Limits of this comparison

  • Platform adoption dominates both series. iNaturalist Mexico's explosive growth from 2015 onward drives the national signal; Saladita data is drawn from the same platform, so both series share the same platform-adoption artifact. You cannot cleanly separate "more wildlife" from "more observers."
  • Three of six local taxa lack year-by-year data. Insects, plants, and mushrooms contributed only 2000–2025 totals; their annual distribution was estimated proportionally, smearing baseline counts into early years. The CAGR and regression treat these as real annual data — they are not.
  • Happywhale batch uploads. A substantial fraction of the local cetacean records are individual whale IDs from the Happywhale platform, which deposits data into GBIF in periodic batches. The apparent surge in 2019–2025 local whale counts partially reflects archive upload timing, not necessarily a real step-change in whale presence or observation effort at Saladita specifically.
  • Apples vs. a larger fruit bowl. GBIF national data includes all kingdoms (fungi, algae, bacteria) and all quality grades (including casual). Local artifacts are iNaturalist research-grade and needs_id for most taxa. Saladita's share will always look smaller than it is under this comparison.
  • 2025 is partial. National 2025 GBIF count is 579,491 — a partial year. The local 2025 figure (2,331) appears elevated; both should be treated as incomplete.
What it means

The recorders are arriving

Saladita sits at the edge of the documented world. A decade ago, its name appeared in almost no biodiversity database. Today it appears in thousands of records — humpback photos from the break, olive ridley encounters fifty meters off the point, insect photographs on the stone walls, fungi on fallen palms after the first rains. Whether the wildlife itself has changed is unknowable from this data. What this record shows is that the human act of noticing — and uploading — accelerated here faster than almost anywhere in Mexico.

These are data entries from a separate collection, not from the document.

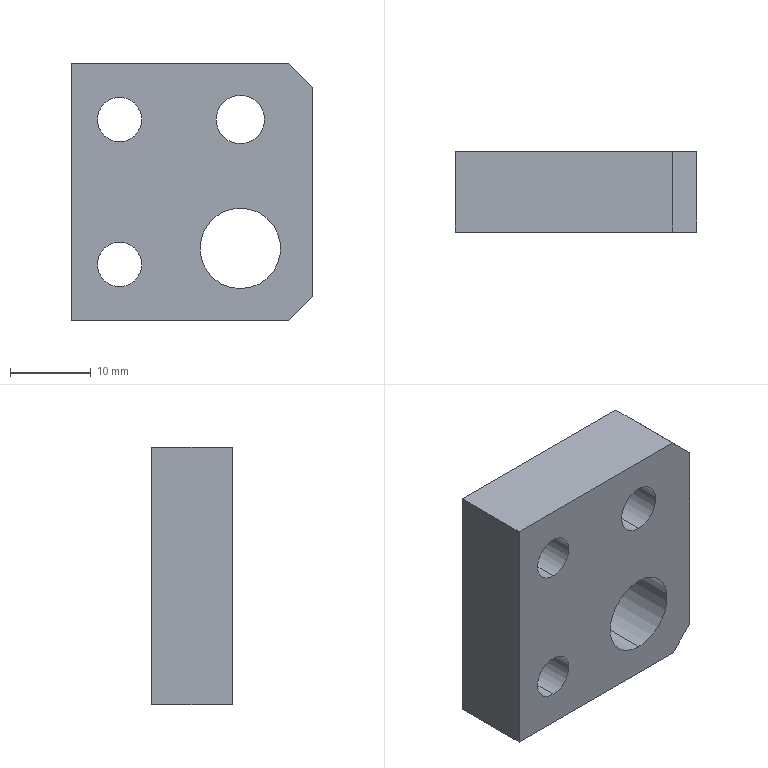Component | SolidWorks | ClampingAssembly-1_A77-3 | 1 solid | 16 faces | box 30 x 10 x 32 mm | volume 7967 mm3 | cylinder 8 | plane 8 | commonest cylinder face diameters 5.5 x4 6 x2 10 x2 | material S45C
build123d program:
from build123d import *

# Parameters (mm, degrees)
SKETCH1_W                  = 32
SKETCH1_H                  = 30
BOSS_EXTRUDE1_DEPTH        = 5
M10X1_0_TAPPED_HOLE1_D     = 10
M6_TAPPED_HOLE1_D          = 6
CHAMFER1_SIZE              = 3
F_5_5_5_5_DIAMETER_HOLE1_D = 5.5


with BuildPart() as part:
    # Sketch1 → Boss-Extrude1 (new, symmetric)
    with BuildSketch(Plane(origin=(0, 0, 0), x_dir=(0, 0, -1), z_dir=(1, 0, 0))):
        Rectangle(SKETCH1_W, SKETCH1_H)
    extrude(amount=BOSS_EXTRUDE1_DEPTH, both=True)

    # M10x1.0 Tapped Hole1 (through all)
    with Locations(Plane(origin=(5, 0, 0), x_dir=(0, 0, -1), z_dir=(1, 0, 0))):
        with Locations((7, 6)):
            Hole(M10X1_0_TAPPED_HOLE1_D / 2)

    # M6 Tapped Hole1 (through all)
    with Locations(Plane(origin=(5, 0, 0), x_dir=(0, 0, -1), z_dir=(1, 0, 0))):
        with Locations((-9, 6)):
            Hole(M6_TAPPED_HOLE1_D / 2)

    # Chamfer1
    chamfer1_edges = [part.edges().sort_by_distance(p)[0] for p in [
        (0, 15, 16),
        (0, 15, -16),
    ]]
    chamfer(chamfer1_edges, length=CHAMFER1_SIZE)

    # 5.5 _5.5_ Diameter Hole1 (through all)
    with Locations(Plane(origin=(5, 0, 0), x_dir=(0, 0, -1), z_dir=(1, 0, 0))):
        with Locations((-9, -9), (9, -9)):
            Hole(F_5_5_5_5_DIAMETER_HOLE1_D / 2)


solid = part.part

# Placed as in the assembly
solid = solid.moved(Location((-14.551, 107.036, 36.5), (0, 0, -90)))
STEP:
#1=CARTESIAN_POINT('',(-0.9272,4.411,1.9));
#2=VERTEX_POINT('',#1);
#3=CARTESIAN_POINT('',(-0.9272,4.411,1.683));
#4=VERTEX_POINT('',#3);
#5=CARTESIAN_POINT('',(-0.9272,4.411,1.791));
#6=DIRECTION('',(0.,-1.,0.));
#7=DIRECTION('',(0.,0.,-1.));
#8=AXIS2_PLACEMENT_3D('',#5,#6,#7);
#9=CIRCLE('',#8,0.1083);
#10=EDGE_CURVE('',#2,#4,#9,.T.);
#11=ORIENTED_EDGE('',*,*,#10,.F.);
#12=CARTESIAN_POINT('',(-0.9272,4.017,1.9));
#13=VERTEX_POINT('',#12);
#14=CARTESIAN_POINT('',(-0.9272,4.017,1.9));
#15=DIRECTION('',(0.,-1.,0.));
#16=VECTOR('',#15,39.37);
#17=LINE('',#14,#16);
#18=EDGE_CURVE('',#2,#13,#17,.T.);
#19=ORIENTED_EDGE('',*,*,#18,.T.);
#20=CARTESIAN_POINT('',(-0.9272,4.017,1.683));
#21=VERTEX_POINT('',#20);
#22=CARTESIAN_POINT('',(-0.9272,4.017,1.791));
#23=DIRECTION('',(0.,-1.,0.));
#24=DIRECTION('',(0.,0.,-1.));
#25=AXIS2_PLACEMENT_3D('',#22,#23,#24);
#26=CIRCLE('',#25,0.1083);
#27=EDGE_CURVE('',#13,#21,#26,.T.);
#28=ORIENTED_EDGE('',*,*,#27,.T.);
#29=CARTESIAN_POINT('',(-0.9272,4.017,1.683));
#30=DIRECTION('',(0.,-1.,0.));
#31=VECTOR('',#30,39.37);
#32=LINE('',#29,#31);
#33=EDGE_CURVE('',#4,#21,#32,.T.);
#34=ORIENTED_EDGE('',*,*,#33,.F.);
#35=EDGE_LOOP('',(#11,#19,#28,#34));
#36=FACE_OUTER_BOUND('',#35,.T.);
#37=CARTESIAN_POINT('',(-0.9272,4.017,1.791));
#38=DIRECTION('',(0.,-1.,0.));
#39=DIRECTION('',(0.,0.,-1.));
#40=AXIS2_PLACEMENT_3D('',#37,#38,#39);
#41=CYLINDRICAL_SURFACE('',#40,0.1083);
#42=ADVANCED_FACE('',(#36),#41,.F.);
#43=CARTESIAN_POINT('',(-0.9272,4.411,1.191));
#44=VERTEX_POINT('',#43);
#45=CARTESIAN_POINT('',(-0.9272,4.411,0.9744));
#46=VERTEX_POINT('',#45);
#47=CARTESIAN_POINT('',(-0.9272,4.411,1.083));
#48=DIRECTION('',(0.,-1.,0.));
#49=DIRECTION('',(0.,0.,-1.));
#50=AXIS2_PLACEMENT_3D('',#47,#48,#49);
#51=CIRCLE('',#50,0.1083);
#52=EDGE_CURVE('',#44,#46,#51,.T.);
#53=ORIENTED_EDGE('',*,*,#52,.F.);
#54=CARTESIAN_POINT('',(-0.9272,4.017,1.191));
#55=VERTEX_POINT('',#54);
#56=CARTESIAN_POINT('',(-0.9272,4.017,1.191));
#57=DIRECTION('',(0.,-1.,0.));
#58=VECTOR('',#57,39.37);
#59=LINE('',#56,#58);
#60=EDGE_CURVE('',#44,#55,#59,.T.);
#61=ORIENTED_EDGE('',*,*,#60,.T.);
#62=CARTESIAN_POINT('',(-0.9272,4.017,0.9744));
#63=VERTEX_POINT('',#62);
#64=CARTESIAN_POINT('',(-0.9272,4.017,1.083));
#65=DIRECTION('',(0.,-1.,0.));
#66=DIRECTION('',(0.,0.,-1.));
#67=AXIS2_PLACEMENT_3D('',#64,#65,#66);
#68=CIRCLE('',#67,0.1083);
#69=EDGE_CURVE('',#55,#63,#68,.T.);
#70=ORIENTED_EDGE('',*,*,#69,.T.);
#71=CARTESIAN_POINT('',(-0.9272,4.017,0.9744));
#72=DIRECTION('',(0.,-1.,0.));
#73=VECTOR('',#72,39.37);
#74=LINE('',#71,#73);
#75=EDGE_CURVE('',#46,#63,#74,.T.);
#76=ORIENTED_EDGE('',*,*,#75,.F.);
#77=EDGE_LOOP('',(#53,#61,#70,#76));
#78=FACE_OUTER_BOUND('',#77,.T.);
#79=CARTESIAN_POINT('',(-0.9272,4.017,1.083));
#80=DIRECTION('',(0.,-1.,0.));
#81=DIRECTION('',(0.,0.,-1.));
#82=AXIS2_PLACEMENT_3D('',#79,#80,#81);
#83=CYLINDRICAL_SURFACE('',#82,0.1083);
#84=ADVANCED_FACE('',(#78),#83,.F.);
#85=CARTESIAN_POINT('',(-0.3366,4.411,1.909));
#86=VERTEX_POINT('',#85);
#87=CARTESIAN_POINT('',(-0.3366,4.411,1.673));
#88=VERTEX_POINT('',#87);
#89=CARTESIAN_POINT('',(-0.3366,4.411,1.791));
#90=DIRECTION('',(0.,-1.,0.));
#91=DIRECTION('',(0.,0.,-1.));
#92=AXIS2_PLACEMENT_3D('',#89,#90,#91);
#93=CIRCLE('',#92,0.1181);
#94=EDGE_CURVE('',#86,#88,#93,.T.);
#95=ORIENTED_EDGE('',*,*,#94,.F.);
#96=CARTESIAN_POINT('',(-0.3366,4.017,1.909));
#97=VERTEX_POINT('',#96);
#98=CARTESIAN_POINT('',(-0.3366,4.017,1.909));
#99=DIRECTION('',(0.,-1.,0.));
#100=VECTOR('',#99,39.37);
#101=LINE('',#98,#100);
#102=EDGE_CURVE('',#86,#97,#101,.T.);
#103=ORIENTED_EDGE('',*,*,#102,.T.);
#104=CARTESIAN_POINT('',(-0.3366,4.017,1.673));
#105=VERTEX_POINT('',#104);
#106=CARTESIAN_POINT('',(-0.3366,4.017,1.791));
#107=DIRECTION('',(0.,-1.,0.));
#108=DIRECTION('',(0.,0.,-1.));
#109=AXIS2_PLACEMENT_3D('',#106,#107,#108);
#110=CIRCLE('',#109,0.1181);
#111=EDGE_CURVE('',#97,#105,#110,.T.);
#112=ORIENTED_EDGE('',*,*,#111,.T.);
#113=CARTESIAN_POINT('',(-0.3366,4.017,1.673));
#114=DIRECTION('',(0.,-1.,0.));
#115=VECTOR('',#114,39.37);
#116=LINE('',#113,#115);
#117=EDGE_CURVE('',#88,#105,#116,.T.);
#118=ORIENTED_EDGE('',*,*,#117,.F.);
#119=EDGE_LOOP('',(#95,#103,#112,#118));
#120=FACE_OUTER_BOUND('',#119,.T.);
#121=CARTESIAN_POINT('',(-0.3366,4.017,1.791));
#122=DIRECTION('',(0.,-1.,0.));
#123=DIRECTION('',(0.,0.,-1.));
#124=AXIS2_PLACEMENT_3D('',#121,#122,#123);
#125=CYLINDRICAL_SURFACE('',#124,0.1181);
#126=ADVANCED_FACE('',(#120),#125,.F.);
#127=CARTESIAN_POINT('',(-0.3366,4.411,1.358));
#128=VERTEX_POINT('',#127);
#129=CARTESIAN_POINT('',(-0.3366,4.411,0.9646));
#130=VERTEX_POINT('',#129);
#131=CARTESIAN_POINT('',(-0.3366,4.411,1.161));
#132=DIRECTION('',(0.,-1.,0.));
#133=DIRECTION('',(0.,0.,-1.));
#134=AXIS2_PLACEMENT_3D('',#131,#132,#133);
#135=CIRCLE('',#134,0.1969);
#136=EDGE_CURVE('',#128,#130,#135,.T.);
#137=ORIENTED_EDGE('',*,*,#136,.F.);
#138=CARTESIAN_POINT('',(-0.3366,4.017,1.358));
#139=VERTEX_POINT('',#138);
#140=CARTESIAN_POINT('',(-0.3366,4.017,1.358));
#141=DIRECTION('',(0.,-1.,0.));
#142=VECTOR('',#141,39.37);
#143=LINE('',#140,#142);
#144=EDGE_CURVE('',#128,#139,#143,.T.);
#145=ORIENTED_EDGE('',*,*,#144,.T.);
#146=CARTESIAN_POINT('',(-0.3366,4.017,0.9646));
#147=VERTEX_POINT('',#146);
#148=CARTESIAN_POINT('',(-0.3366,4.017,1.161));
#149=DIRECTION('',(0.,-1.,0.));
#150=DIRECTION('',(0.,0.,-1.));
#151=AXIS2_PLACEMENT_3D('',#148,#149,#150);
#152=CIRCLE('',#151,0.1969);
#153=EDGE_CURVE('',#139,#147,#152,.T.);
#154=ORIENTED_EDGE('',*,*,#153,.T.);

That is partly a story about a place becoming legible to the broader naturalist community. It is also a story about who surfs here and what they carry: increasingly, people with smartphones, iNaturalist accounts, and the habit of pointing their cameras at things that aren't waves.

This analysis will be updated when the bird climatology artifact is complete and when annual breakdowns become available for insect, plant, and mushroom layers.